More info on the above link


----------



## Irene-and-Tim

If you need recovery near Ouarzazate, Peter at Bikers Home will come to your assistance.

He acts as recovery for ANWB, the Royal Dutch Automobile Club.

Tim (signed in on Irene's account)


----------



## PAT4NEIL

Irene75359 said:


> If you need recovery near Ouarzazate, Peter at Bikers Home will come to your assistance.
> 
> He acts as recovery for ANWB, the Royal Dutch Automobile Club.
> 
> Tim (signed in on Irene's account)


Thanks for that interesting knowledge, we went to Morocco in December, with the motorhome but decided against taking the motorbike thinking it would be too much hassle, and that the roads were not up for it. We have a tourer BMW and that would have managed, next time we go we would definately take as GS the roads and areas in Morocco are just made for it.

I just to also say that there was not breakdown cover available, we used to be Comfort and although they said that cover you, on further investigation it looked like you had to sort yourself out and claim later, bearing in mind that receipts are nearly non existant and part of the breakdown requirement is the support that you get whilst your are in the country, not for when you get home. That said I think you could always get something arranged locally.

Regards

Pat


----------



## snailsontour

> Anybody know where we can obtain breakdown cover for Morocco?

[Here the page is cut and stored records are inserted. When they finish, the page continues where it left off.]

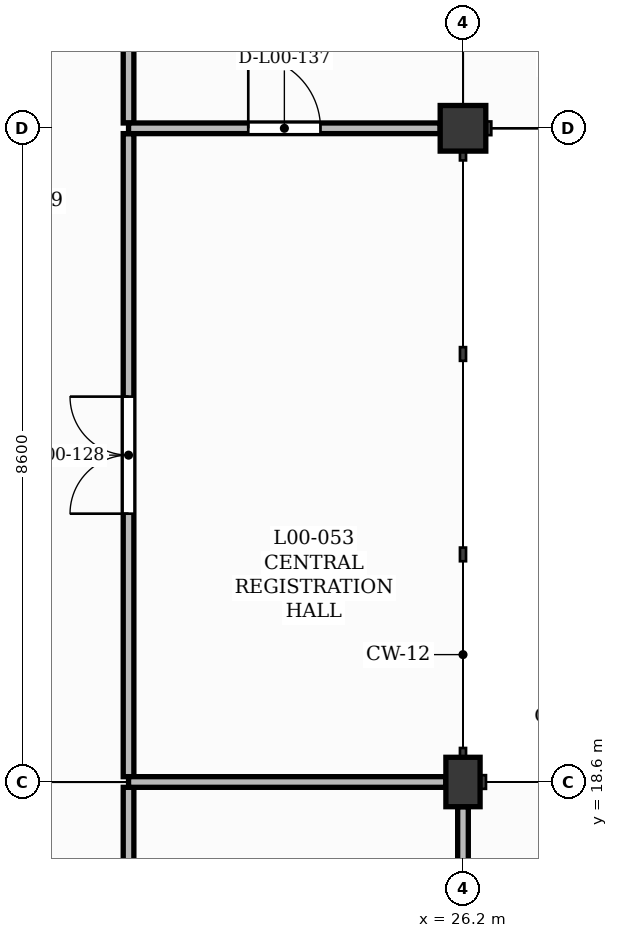
"""IFC4 building model, lengths in metres.
Left out: names, types, materials, properties, quantities, classifications, styles, units other than length and angle.
Written with IfcOpenShell. Run it as: python <this file> out.ifc"""

import sys

from ifc_helpers import new_model, si_unit, direction, frame, frame_2d, origin, origin_2d, place, context, subcontext, project, spatial, rectangle, extrude, element, fill, save


model = new_model("IFC4")
c1 = context("Model", 3, precision=1e-05, world=origin(), true_north=direction((0.0, 1.0)))
c2 = subcontext(c1, "Body", "Model", "MODEL_VIEW")
j1 = project(units=[si_unit("LENGTHUNIT", "METRE"), si_unit("PLANEANGLEUNIT", "RADIAN")], contexts=[c1])
p1 = place(None, origin())
s1 = spatial("IfcSite", under=j1, at=p1, CompositionType="ELEMENT")
p2 = place(p1, origin())
s2 = spatial("IfcBuilding", under=s1, at=p2, CompositionType="ELEMENT")
p3 = place(p2, origin())
s3 = spatial("IfcBuildingStorey", under=s2, at=p3, CompositionType="ELEMENT", Elevation=0.0)
p4 = place(p3, frame((26.2, 18.6, 0.0), z_axis=(0.0, 0.0, 1.0), x_axis=(1.0, 0.0, 0.0)))
e1 = element("IfcColumn", 1, at=p4, inside=s3, PredefinedType="COLUMN", context=c2, shape_type="SweptSolid", body=[
    extrude(rectangle(XDim=0.45, YDim=0.65, at=origin_2d()), origin(), (0.0, 0.0, 1.0), 4.2),
])
p5 = place(p3, frame((26.2, 27.2, 0.0), z_axis=(0.0, 0.0, 1.0), x_axis=(1.0, 0.0, 0.0)))
e2 = element("IfcColumn", 2, at=p5, inside=s3, PredefinedType="COLUMN", context=c2, shape_type="SweptSolid", body=[
    extrude(rectangle(XDim=0.6, YDim=0.6, at=origin_2d()), origin(), (0.0, 0.0, 1.0), 4.2),
])
p6 = place(p3, frame((21.8, 13.47, 0.0), z_axis=(0.0, 0.0, 1.0), x_axis=(0.0, 1.0, 0.0)))
e3 = element("IfcWall", 3, at=p6, inside=s3, PredefinedType="PARTITIONING", context=c2, shape_type="SweptSolid", body=[
    extrude(rectangle(XDim=5.06, YDim=0.14, at=frame_2d((2.53, 0.0))), origin(), (0.0, 0.0, 1.0), 4.18),
])
p7 = place(p6, frame((2.0, 0.0, 0.0)))
e4 = element("IfcOpeningElement", 4, at=p7, cuts=e3, PredefinedType="OPENING", context=c2, shape_type="SweptSolid", body=[
    extrude(rectangle(XDim=1.06, YDim=2.15, at=frame_2d((0.53, 1.075))), frame((0.0, 0.08, 0.0), z_axis=(0.0, -1.0, 0.0), x_axis=(1.0, 0.0, 0.0)), (0.0, 0.0, 1.0), 0.16),
])
p8 = place(p3, frame((21.8, 18.67, 0.0), z_axis=(0.0, 0.0, 1.0), x_axis=(0.0, 1.0, 0.0)))
e5 = element("IfcWall", 5, at=p8, inside=s3, PredefinedType="PARTITIONING", context=c2, shape_type="SweptSolid", body=[
    extrude(rectangle(XDim=8.46, YDim=0.14, at=frame_2d((4.23, 0.0))), origin(), (0.0, 0.0, 1.0), 4.18),
])
p9 = place(p8, frame((3.46, 0.0, 0.0)))
e6 = element("IfcOpeningElement", 6, at=p9, cuts=e5, PredefinedType="OPENING", context=c2, shape_type="SweptSolid", body=[
    extrude(rectangle(XDim=1.54, YDim=2.25, at=frame_2d((0.77, 1.125))), frame((0.0, 0.08, 0.0), z_axis=(0.0, -1.0, 0.0), x_axis=(1.0, 0.0, 0.0)), (0.0, 0.0, 1.0), 0.16),
])
p10 = place(p3, frame((21.8, 18.6, 0.0), z_axis=(0.0, 0.0, 1.0), x_axis=(1.0, 0.0, 0.0)))
e7 = element("IfcWall", 7, at=p10, inside=s3, PredefinedType="PARTITIONING", context=c2, shape_type="SweptSolid", body=[
    extrude(rectangle(XDim=4.175, YDim=0.14, at=frame_2d((2.087, 0.0))), origin(), (0.0, 0.0, 1.0), 3.25),
])
p11 = place(p3, frame((21.8, 27.27, 0.0), z_axis=(0.0, 0.0, 1.0), x_axis=(0.0, 1.0, 0.0)))
e8 = element("IfcWall", 8, at=p11, inside=s3, PredefinedType="PARTITIONING", context=c2, shape_type="SweptSolid", body=[
    extrude(rectangle(XDim=9.46, YDim=0.14, at=frame_2d((4.73, 0.0))), origin(), (0.0, 0.0, 1.0), 4.18),
])
p12 = place(p11, frame((3.9, 0.0, 0.0)))
e9 = element("IfcOpeningElement", 9, at=p12, cuts=e8, PredefinedType="OPENING", context=c2, shape_type="SweptSolid", body=[
    extrude(rectangle(XDim=1.66, YDim=2.3, at=frame_2d((0.83, 1.15))), frame((0.0, 0.08, 0.0), z_axis=(0.0, -1.0, 0.0), x_axis=(1.0, 0.0, 0.0)), (0.0, 0.0, 1.0), 0.16),
])
p13 = place(p3, frame((21.8, 27.2, 0.0), z_axis=(0.0, 0.0, 1.0), x_axis=(1.0, 0.0, 0.0)))
e10 = element("IfcWall", 10, at=p13, inside=s3, PredefinedType="PARTITIONING", context=c2, shape_type="SweptSolid", body=[
    extrude(rectangle(XDim=4.1, YDim=0.14, at=frame_2d((2.05, 0.0))), origin(), (0.0, 0.0, 1.0), 3.6),
])
p14 = place(p13, frame((1.575, 0.0, 0.0)))
e11 = element("IfcOpeningElement", 11, at=p14, cuts=e10, PredefinedType="OPENING", context=c2, shape_type="SweptSolid", body=[
    extrude(rectangle(XDim=0.95, YDim=2.1, at=frame_2d((0.475, 1.05))), frame((0.0, 0.08, 0.0), z_axis=(0.0, -1.0, 0.0), x_axis=(1.0, 0.0, 0.0)), (0.0, 0.0, 1.0), 0.16),
])
p15 = place(p3, frame((26.2, 13.47, 0.0), z_axis=(0.0, 0.0, 1.0), x_axis=(0.0, 1.0, 0.0)))
e12 = element("IfcWall", 12, at=p15, inside=s3, PredefinedType="PARTITIONING", context=c2, shape_type="SweptSolid", body=[
    extrude(rectangle(XDim=4.805, YDim=0.14, at=frame_2d((2.402, 0.0))), origin(), (0.0, 0.0, 1.0), 3.5),
])
p16 = place(p9, origin())
e13 = element("IfcDoor", 13, at=p16, inside=s3, OperationType="DOUBLE_DOOR_SINGLE_SWING", PredefinedType="DOOR", context=c2, shape_type="SweptSolid", body=[
    extrude(rectangle(XDim=1.54, YDim=2.25, at=frame_2d((0.77, 1.125))), frame((0.0, 0.025, 0.0), z_axis=(0.0, -1.0, 0.0), x_axis=(1.0, 0.0, 0.0)), (0.0, 0.0, 1.0), 0.05),
])
fill(e6, e13)
p17 = place(p14, origin())
e14 = element("IfcDoor", 14, at=p17, inside=s3, OperationType="SINGLE_SWING_LEFT", PredefinedType="DOOR", context=c2, shape_type="SweptSolid", body=[
    extrude(rectangle(XDim=0.95, YDim=2.1, at=frame_2d((0.475, 1.05))), frame((0.0, 0.025, 0.0), z_axis=(0.0, -1.0, 0.0), x_axis=(1.0, 0.0, 0.0)), (0.0, 0.0, 1.0), 0.05),
])
fill(e11, e14)
save(model, sys.argv[1])

ADAC (the German AA) covers all of your vehicles for all of Europe and the countries touching the Med, including Morocco - for 83.5 euros.
Bob


----------



## PAT4NEIL

snailsontour said:


> Anybody know where we can obtain breakdown cover for Morocco?
> 
> 
> 
> ADAC (the German AA) covers all of your vehicles for all of Europe and the countries touching the Med, including Morocco - for 83.5 euros.
> Bob
Click to expand...

I thanks for the information, Do they cover mainland Turkey.

Pat


----------



## snailsontour

> Do they cover mainland Turkey?


Yes.


----------



## toojo

Bob do ADAC have a site in English.John.


----------



## tommytli

i think that will work for you http://translate.google.co.uk/trans...arch?q=adac&hl=en&rlz=1T4ADBF_en-GBGB271GB271


----------



## toojo

Thanks Tommy


----------



## bambi2

We have friends who have broken down in Morocco and had the work done there, it was done well and also cheap., in another case a man died and his wife could not drive I believe they were with the RAC at the time and they sent a driver to drive the motor home back, we had a service done on our Hymer there, it was done very well. bambi2 :roll:


----------



## snailsontour

> do ADAC have a site in English


Hi John
There is a limited amount of English - Google "ADAC English" to bring up the page. Alternatively open the www.adac.de through a translation service like babel fish.

If you email or phone them, they will respond in excellent English.
Bob


----------



## toojo

Thanks Bob


----------



## TonyG44

*breakdown in Morocco*

the Barnardo's post is right
forget it, you could wait for a week!
best sort it locally, you will need a local guide/friend to make sure they do not take advantage of a stranded rich foreigner
we had a broken fuel pump on the Land Rover
it was all sorted and fixed in 2 hours van cleaned
all for 80 euros, they were brilliant
BUT I have heard some horror stories of 'mechaniques' in Morocco
with not much more than a hammer and chisel
Tony


----------